I've spent a couple of days in the last two weeks trying to get something working and have done a ton of testing. Sadly, I have hit a bit of a roadblock, which seems to make this unfeasible.

I'm essentially trying to rotate the gravity vector with the data of the gyroscope. The gravity vector is captured when the phone is not moving, and should then corrected/rotated with the gyroscope during the active periods to get a more accurate gravity estimate. However, this gravity estimate ends up being far from accurate. The error is so large, that I think it cannot be caused by drift or some other slight inaccuracy (which would be expected when using inertial sensors). I think that I might have missed something crucial, and am somewhat out of ideas.

So if anyone with further knowledge on this topic happens to see this, I've created a minimal example to reproduce the errors. It also further explains the testing I've done and errors I am talking about. Don't hesitate to share your thoughts and ideas.

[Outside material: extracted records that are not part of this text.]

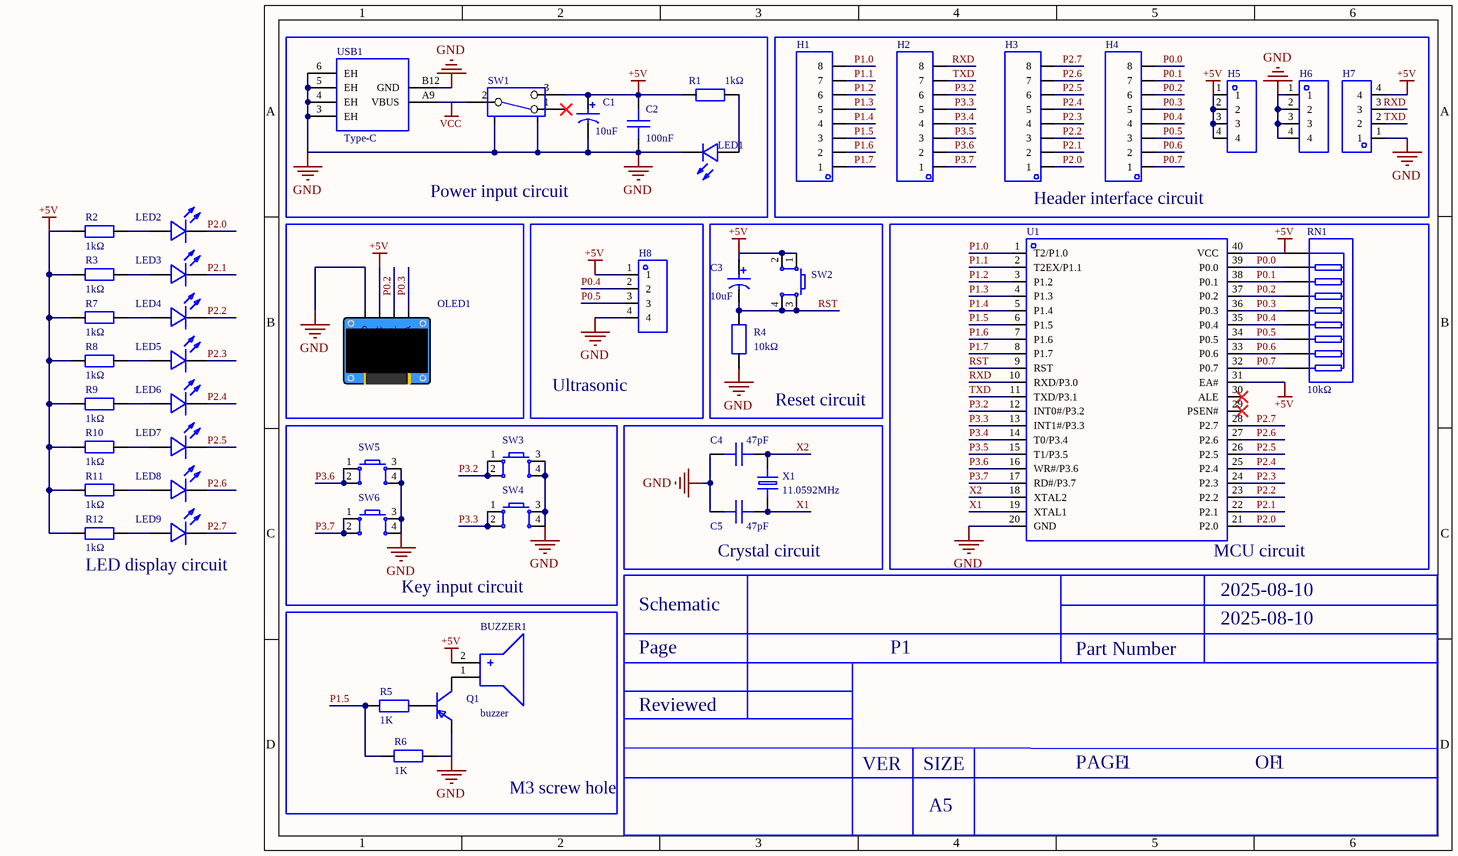
[diagram p0: MISC49889-2.schdoc]
# Altium project MISC49889-3.PrjPcb
1 sheet, 47 parts. Net scope: global (net labels, ports and power ports of the same name join across sheets).
Board file: MISC49889.pcbdoc

## Sheet MISC49889-2.schdoc
size 210 x 149 mm; Version: V1.0; @Project Name: MISC49889; @Page Count: 1; @Update Date: 2025-08-10; @Create Date: 2025-08-10; @Schematic Name: MISC49889; @Page No: 1; @Board Name: MISC49889; @Create Time: 18:24:45; @Update Time: 00:13:02

### Parts
BUZZER1  buzzer  [BUZ-TH_BD12.0-P6.00-D0.9-RD]
C1  10uF  [CAP-TH_BD5.0-P2.00-D0.8-FD]
C2  100nF  [CAP-TH_L8.5-W5.0-P5.00-D1.2]
C3  10uF  [CAP-TH_BD5.0-P2.00-D0.8-FD]
C4  47pF  [CAP-TH_L4.5-W3.0-P5.00-D1.2]
C5  47pF  [CAP-TH_L4.5-W3.0-P5.00-D1.2]
H1  (no value)  [HDR-TH_8P-P2.54-V-M]
H2  (no value)  [HDR-TH_8P-P2.54-V-M]
H3  (no value)  [HDR-TH_8P-P2.54-V-M]
H4  (no value)  [HDR-TH_8P-P2.54-V-M]
H5  (no value)  [HDR-TH_4P-P2.54-V-M]
H6  (no value)  [HDR-TH_4P-P2.54-V-M]
H7  (no value)  [HDR-TH_4P-P2.54-V-M]
H8  (no value)  [HDR-TH_4P-P2.54-V-F]
LED1  204-10SURD/S530-A3-L  [LED-TH_BD3.0-P2.54-FD]  (value not drawn)
LED2  204-10SYGD/S530-E3  [LED-TH_BD3.8-P2.54-FD]  (value not drawn)
LED3  204-10SYGD/S530-E3  [LED-TH_BD3.8-P2.54-FD]  (value not drawn)
LED4  204-10SYGD/S530-E3  [LED-TH_BD3.8-P2.54-FD]  (value not drawn)
LED5  204-10SYGD/S530-E3  [LED-TH_BD3.8-P2.54-FD]  (value not drawn)
LED6  204-10SYGD/S530-E3  [LED-TH_BD3.8-P2.54-FD]  (value not drawn)
LED7  204-10SYGD/S530-E3  [LED-TH_BD3.8-P2.54-FD]  (value not drawn)
LED8  204-10SYGD/S530-E3  [LED-TH_BD3.8-P2.54-FD]  (value not drawn)
LED9  204-10SYGD/S530-E3  [LED-TH_BD3.8-P2.54-FD]  (value not drawn)
OLED1  (no value)  [0.96OLED_4P]
Q1  (no value)  [S8550P_SOT]
R1  1kΩ  [RES-TH_BD2.5-L6.5-P10.50-D0.6]
R2  1kΩ  [RES-TH_BD2.5-L6.5-P10.50-D0.6]
R3  1kΩ  [RES-TH_BD2.5-L6.5-P10.50-D0.6]
R4  10kΩ  [RES-TH_BD2.4-L6.3-P10.30-D0.6]
R5  1K  [R0603]
R6  1K  [R0603]
R7  1kΩ  [RES-TH_BD2.5-L6.5-P10.50-D0.6]
R8  1kΩ  [RES-TH_BD2.5-L6.5-P10.50-D0.6]
R9  1kΩ  [RES-TH_BD2.5-L6.5-P10.50-D0.6]
R10  1kΩ  [RES-TH_BD2.5-L6.5-P10.50-D0.6]
R11  1kΩ  [RES-TH_BD2.5-L6.5-P10.50-D0.6]
R12  1kΩ  [RES-TH_BD2.5-L6.5-P10.50-D0.6]
RN1  10kΩ  [RES-ARRAY-TH_9P-P2.54-D1.0]
SW1  SS-12D02-VG4  [SW-TH_SS-12D02-VG4]  (value not drawn)
SW2  (no value)  [SW-TH_4P-L6.0-W6.0-P4.50-LS6.5]
SW3  (no value)  [SW-TH_4P-L6.0-W6.0-P4.50-LS6.5]
SW4  (no value)  [SW-TH_4P-L6.0-W6.0-P4.50-LS6.5]
SW5  (no value)  [SW-TH_4P-L6.0-W6.0-P4.50-LS6.5]
SW6  (no value)  [SW-TH_4P-L6.0-W6.0-P4.50-LS6.5]
U1  STC89C52RC-40I-PDIP40  [DIP-40_L52.0-W13.7-P2.54-LS15.2-BL]  (value not drawn)
USB1  Connector Type: Type-C  [USB-C-TH_TYPE-C-31-M-33]  (hidden comment: TYPE-C-31-M-33)
X1  11.0592MHz  [HC-49US_L11.5-W4.5-P4.88]

### Blocks framed on the sheet
Power input circuit: C1 C2 LED1 R1 SW1 USB1
Header interface circuit: H1-H7
Ultrasonic: H8
Reset circuit: C3 R4 SW2
MCU circuit: RN1 U1
Key input circuit: SW3-SW6
Crystal circuit: C4 C5 X1
M3 screw hole: BUZZER1 Q1 R5 R6

### Nets
+5V: BUZZER1.2(+) C1.1 C2.2 C3.1 H5.1 H5.2 H5.3 H5.4 H7.4 H8.1 OLED1.2(VCC) R1.1 R2.1 R3.1 R7.1 R8.1 R9.1 R10.1 R11.1 R12.1 RN1.1 SW1.3 SW2.1 SW2.2 U1.31(EA#) U1.40(VCC)
GND: C1.2 C2.1 C4.1 C5.1 H6.1 H6.2 H6.3 H6.4 H7.1 H8.4 LED1.2(K) OLED1.1(GND) Q1.2(E) R4.1 R6.2 SW1.4 SW1.5 SW3.3 SW3.4 SW4.3 SW4.4 SW5.3 SW5.4 SW6.3 SW6.4 U1.20(GND) USB1.3(EH) USB1.4(EH) USB1.5(EH) USB1.6(EH) USB1.B12(GND)
VCC: SW1.2 USB1.A9(VBUS)
P0.0: H4.8 RN1.2 U1.39(P0.0)
P0.1: H4.7 RN1.3 U1.38(P0.1)
P0.2: H4.6 OLED1.3(SCL) RN1.4 U1.37(P0.2)
P0.3: H4.5 OLED1.4(SDA) RN1.5 U1.36(P0.3)
P0.4: H4.4 H8.2 RN1.6 U1.35(P0.4)
P0.5: H4.3 H8.3 RN1.7 U1.34(P0.5)
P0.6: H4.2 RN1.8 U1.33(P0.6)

I'll probably work on a touchpad-like mode next, to make the app actually usable.

LinuxinaBit commented 4 months ago

Have you looked into how those air mice and LG TV remotes work? They appear to just use the gyroscope which is interesting... Maybe they decided accelerometers are too unreliable for positioning? It is unfortunate because you can't really use an air mouse on a desk, but trackpads work just fine for that.

If you decide to implement both an air mouse and trackpad (and maybe also keyboard functionality), this app would likely replace bluetooth peripherals in many more situations, with higher reliability to boot.

VirtCode commented 4 months ago

Yes, air mice only have to rely on the orientation of the device. I've already seen tons of research about this type of sensor fusion for orientation estimation, which mainly use the gyroscope and correct the data with the accelerometer and the magnetometer. What I try to do there is almost the other way around, augmenting the acceleration data with the gyroscope, which I didn't find much research for. Probably there is a reason why this is, as you said, maybe this type of position estimation is just unfeasible.

I might consider also implementing an air mouse in the future (as already suggested in #16). This would be much easier, by just using some already tried and tested sensor fusion implementation.